CEVAP: Davalı vekili vermiş olduğu cevap dilekçesi ile, davacının iptalini istediği 18/02/2016 tarihli genel kurul kararının Ticaret Sicil tarafından tescil edilmediğinden yok hükmünde olduğunu, bu nedenle açılan davanın konusuz kaldığından reddi gerektiğini, ayrıca genel kurulun usulüne uygun olarak yapıldığını, davacının itiraz ettiği noktalardan tek müdür ile çağrı yapılmasının da usule uygun olduğunu, kaldı ki genel kurulun TTK 409/1 mad hükmünce hukuki zorunluluk doğduğu için yapıldığını, bu noktada davacının kötü niyeti ile genel kurul toplanmasının önüne geçmesi ve zaten çıkmak yada tasfiye etmek istediği şirketi daha da zor durumda bırakarak ortaklara daha da zarar vererek çıkma bedelini yükseltmeye çalışmasının kötü niyeti açıkça gösterdiğini, genel kurul çağrısının şirketin içinde bulunduğu zor durumdan kurtulabilmesi için yapıldığını ve davacının da yararına hareket edildiğini, davacının sermaye arttırımına katılmasının mümkün iken, tercihini katılmama yönünde kullanmasının genel kurul kararının iptalini gerektirecek bir husus olmadığını, genel kurulun iradesini şirketin içinde bulunduğu yönetim boşluğunu aşmak için yeni müdür seçmek yönünde kullandığını, davacının 2015 başından beri şirkete uğramadığını ve hiçbir sorunla ilgilenmeyerek başka rakip şirketlerle çalıştığını, davacı hariç tüm diğer ortakların, davacı yanın ortaklıktan çıkması yönünde görüş bildirdiğini ve davacı yanın şirket çalışma huzurunu bozduğunu belirttiklerini beyanla, davanın reddine karar verilmesini talep etmiştir.
DELİLLER VE GEREKÇE:
Mahkememizin … tarihli ara kararı ile, İstanbul …Asliye Ticaret Mahkemesinin … E. sayılı dosyasında açılan davanın 07/12/2015 tarihli ortaklar genel kurulunda alınan kararların iptaline yönelik olduğu, mahkememizce açılan davanın ise 18/02/2016 tarihli ortaklar kurulunda alınan genel kurul kararlarının iptaline yönelik olduğu, her iki dava dosyasında iptal edilen genel kurul kararlarının farklı genel kurullara ait olduğu anlaşıldığından birleştirme talebinin reddine karar verilmiştir.

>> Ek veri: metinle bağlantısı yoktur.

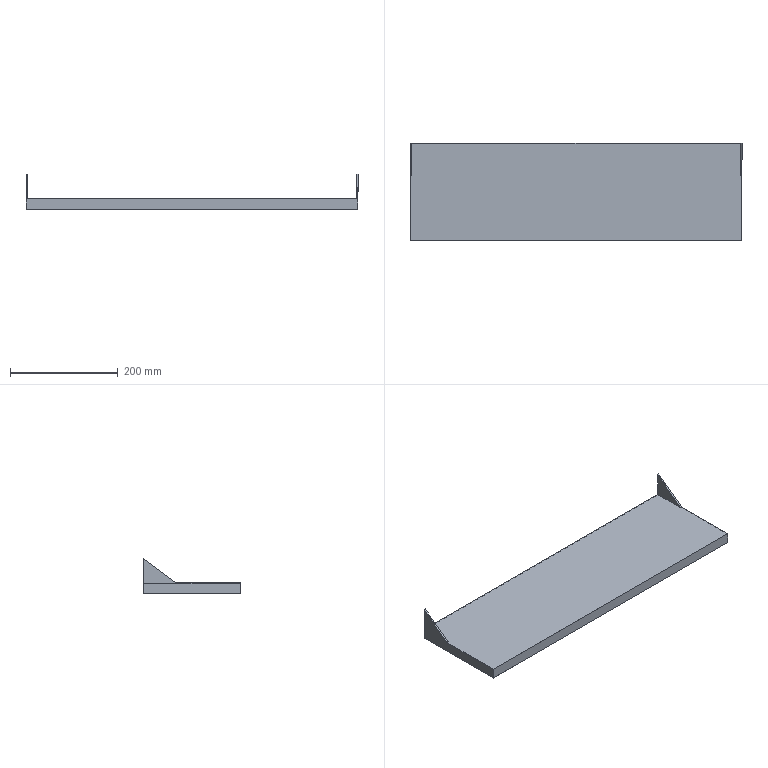Component | SolidWorks | ItemTray-1 | 1 solid | 15 faces | box 616.5 x 181.5 x 65 mm | volume 220065 mm3 | plane 15
STEP:
#1=CARTESIAN_POINT('',(12.343,-8.661,-3.74));
#2=VERTEX_POINT('',#1);
#3=CARTESIAN_POINT('',(12.461,-8.661,-3.74));
#4=VERTEX_POINT('',#3);
#5=CARTESIAN_POINT('',(12.343,-8.661,-3.74));
#6=DIRECTION('',(1.,0.,0.));
#7=VECTOR('',#6,39.37);
#8=LINE('',#5,#7);
#9=EDGE_CURVE('',#2,#4,#8,.T.);
#10=ORIENTED_EDGE('',*,*,#9,.F.);
#11=CARTESIAN_POINT('',(12.343,-6.299,-3.74));
#12=VERTEX_POINT('',#11);
#13=CARTESIAN_POINT('',(12.343,-8.661,-3.74));
#14=DIRECTION('',(0.,-1.,-0.));
#15=VECTOR('',#14,39.37);
#16=LINE('',#13,#15);
#17=EDGE_CURVE('',#12,#2,#16,.T.);
#18=ORIENTED_EDGE('',*,*,#17,.F.);
#19=CARTESIAN_POINT('',(-11.693,-6.299,-3.74));
#20=VERTEX_POINT('',#19);
#21=CARTESIAN_POINT('',(12.431,-6.299,-3.74));
#22=DIRECTION('',(1.,0.,0.));
#23=VECTOR('',#22,39.37);
#24=LINE('',#21,#23);
#25=EDGE_CURVE('',#20,#12,#24,.T.);
#26=ORIENTED_EDGE('',*,*,#25,.F.);
#27=CARTESIAN_POINT('',(-11.693,-8.661,-3.74));
#28=VERTEX_POINT('',#27);
#29=CARTESIAN_POINT('',(-11.693,-8.661,-3.74));
#30=DIRECTION('',(0.,-1.,-0.));
#31=VECTOR('',#30,39.37);
#32=LINE('',#29,#31);
#33=EDGE_CURVE('',#20,#28,#32,.T.);
#34=ORIENTED_EDGE('',*,*,#33,.T.);
#35=CARTESIAN_POINT('',(-11.811,-8.661,-3.74));
#36=VERTEX_POINT('',#35);
#37=CARTESIAN_POINT('',(-11.693,-8.661,-3.74));
#38=DIRECTION('',(-1.,-0.,-0.));
#39=VECTOR('',#38,39.37);
#40=LINE('',#37,#39);
#41=EDGE_CURVE('',#28,#36,#40,.T.);
#42=ORIENTED_EDGE('',*,*,#41,.T.);
#43=CARTESIAN_POINT('',(-11.811,-13.445,-3.74));
#44=VERTEX_POINT('',#43);
#45=CARTESIAN_POINT('',(-11.811,-6.329,-3.74));
#46=DIRECTION('',(-0.,1.,0.));
#47=VECTOR('',#46,39.37);
#48=LINE('',#45,#47);
#49=EDGE_CURVE('',#44,#36,#48,.T.);
#50=ORIENTED_EDGE('',*,*,#49,.F.);
#51=CARTESIAN_POINT('',(12.461,-13.445,-3.74));
#52=VERTEX_POINT('',#51);
#53=CARTESIAN_POINT('',(12.431,-13.445,-3.74));
#54=DIRECTION('',(-1.,-0.,-0.));
#55=VECTOR('',#54,39.37);
#56=LINE('',#53,#55);
#57=EDGE_CURVE('',#52,#44,#56,.T.);
#58=ORIENTED_EDGE('',*,*,#57,.F.);
#59=CARTESIAN_POINT('',(12.461,-6.329,-3.74));
#60=DIRECTION('',(0.,-1.,-0.));
#61=VECTOR('',#60,39.37);
#62=LINE('',#59,#61);
#63=EDGE_CURVE('',#4,#52,#62,.T.);
#64=ORIENTED_EDGE('',*,*,#63,.F.);
#65=EDGE_LOOP('',(#10,#18,#26,#34,#42,#50,#58,#64));
#66=FACE_OUTER_BOUND('',#65,.T.);
#67=CARTESIAN_POINT('',(0.3248,-9.872,-3.74));
#68=DIRECTION('',(0.,0.,-1.));
#69=DIRECTION('',(-1.,-0.,-0.));
#70=AXIS2_PLACEMENT_3D('',#67,#68,#69);
#71=PLANE('',#70);
#72=ADVANCED_FACE('',(#66),#71,.F.);
#73=CARTESIAN_POINT('',(-11.752,-13.386,-3.799));
#74=VERTEX_POINT('',#73);
#75=CARTESIAN_POINT('',(-11.752,-6.358,-3.799));
#76=VERTEX_POINT('',#75);
#77=CARTESIAN_POINT('',(-11.752,-6.329,-3.799));
#78=DIRECTION('',(-0.,1.,0.));
#79=VECTOR('',#78,39.37);
#80=LINE('',#77,#79);
#81=EDGE_CURVE('',#74,#76,#80,.T.);
#82=ORIENTED_EDGE('',*,*,#81,.F.);
#83=CARTESIAN_POINT('',(-11.752,-13.386,-4.528));
#84=VERTEX_POINT('',#83);
#85=CARTESIAN_POINT('',(-11.752,-13.386,-4.469));
#86=DIRECTION('',(-0.,-0.,1.));
#87=VECTOR('',#86,39.37);
#88=LINE('',#85,#87);
#89=EDGE_CURVE('',#84,#74,#88,.T.);
#90=ORIENTED_EDGE('',*,*,#89,.F.);
#91=CARTESIAN_POINT('',(-11.752,-6.358,-4.528));
#92=VERTEX_POINT('',#91);
#93=CARTESIAN_POINT('',(-11.752,-9.872,-4.528));
#94=DIRECTION('',(-0.,1.,0.));
#95=VECTOR('',#94,39.37);
#96=LINE('',#93,#95);
#97=EDGE_CURVE('',#84,#92,#96,.T.);
#98=ORIENTED_EDGE('',*,*,#97,.T.);
#99=CARTESIAN_POINT('',(-11.752,-6.358,-4.469));
#100=DIRECTION('',(-0.,-0.,1.));
#101=VECTOR('',#100,39.37);
#102=LINE('',#99,#101);
#103=EDGE_CURVE('',#92,#76,#102,.T.);
#104=ORIENTED_EDGE('',*,*,#103,.T.);
#105=EDGE_LOOP('',(#82,#90,#98,#104));
#106=FACE_OUTER_BOUND('',#105,.T.);
#107=CARTESIAN_POINT('',(-11.752,-6.329,-4.469));
#108=DIRECTION('',(1.,0.,0.));
#109=DIRECTION('',(0.,0.,-1.));
#110=AXIS2_PLACEMENT_3D('',#107,#108,#109);
#111=PLANE('',#110);
#112=ADVANCED_FACE('',(#106),#111,.T.);
#113=CARTESIAN_POINT('',(12.402,-6.358,-3.799));
#114=VERTEX_POINT('',#113);
#115=CARTESIAN_POINT('',(12.431,-6.358,-3.799));
#116=DIRECTION('',(1.,0.,0.));
#117=VECTOR('',#116,39.37);
#118=LINE('',#115,#117);
#119=EDGE_CURVE('',#76,#114,#118,.T.);
#120=ORIENTED_EDGE('',*,*,#119,.F.);
#121=ORIENTED_EDGE('',*,*,#103,.F.);
#122=CARTESIAN_POINT('',(12.402,-6.358,-4.528));
#123=VERTEX_POINT('',#122);
#124=CARTESIAN_POINT('',(0.3248,-6.358,-4.528));
#125=DIRECTION('',(1.,0.,0.));
#126=VECTOR('',#125,39.37);
#127=LINE('',#124,#126);
#128=EDGE_CURVE('',#92,#123,#127,.T.);
#129=ORIENTED_EDGE('',*,*,#128,.T.);
#130=CARTESIAN_POINT('',(12.402,-6.358,-4.469));
#131=DIRECTION('',(-0.,-0.,1.));
#132=VECTOR('',#131,39.37);
#133=LINE('',#130,#132);
#134=EDGE_CURVE('',#123,#114,#133,.T.);
#135=ORIENTED_EDGE('',*,*,#134,.T.);
#136=EDGE_LOOP('',(#120,#121,#129,#135));
#137=FACE_OUTER_BOUND('',#136,.T.);
#138=CARTESIAN_POINT('',(12.431,-6.358,-4.469));
#139=DIRECTION('',(0.,-1.,-0.));
#140=DIRECTION('',(-0.,-0.,1.));
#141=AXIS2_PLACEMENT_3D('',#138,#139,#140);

Taraflara usulune uygun davetiye tebliğ edilmiş olup, şirket ana sözleşmesi, ticaret sicil gazetesi sayfaları, İstanbul …Asliye Ticaret Mahkemesinin … esas sayılı dosyasından verilen tedbir kararı, ihtarname suretleri, 19/09/2014 tarihli ortaklar toplantı tutanağı, genel kurul toplantıya çağrı belgeleri, imza sirküleri, 07/12/2015 günlü toplantıya ilişkin muhalefet şerhleri, … faaliyet belgesi, İstanbul …Asliye Ticaret Mahkemesinin… esas sayılı dosyası, İstanbul ….Asliye Ticaret Mahkemesinin … esas sayılı dosyası, Yargıtay ilamı, firma sicil belgeleri, istifaya ilişkin ihtarname, ticaret sicil memurluğuna verilen dilekçe, resen tescil işleminin ihtarnamesi, ticaret sicil kayıtları celp olunmuştur.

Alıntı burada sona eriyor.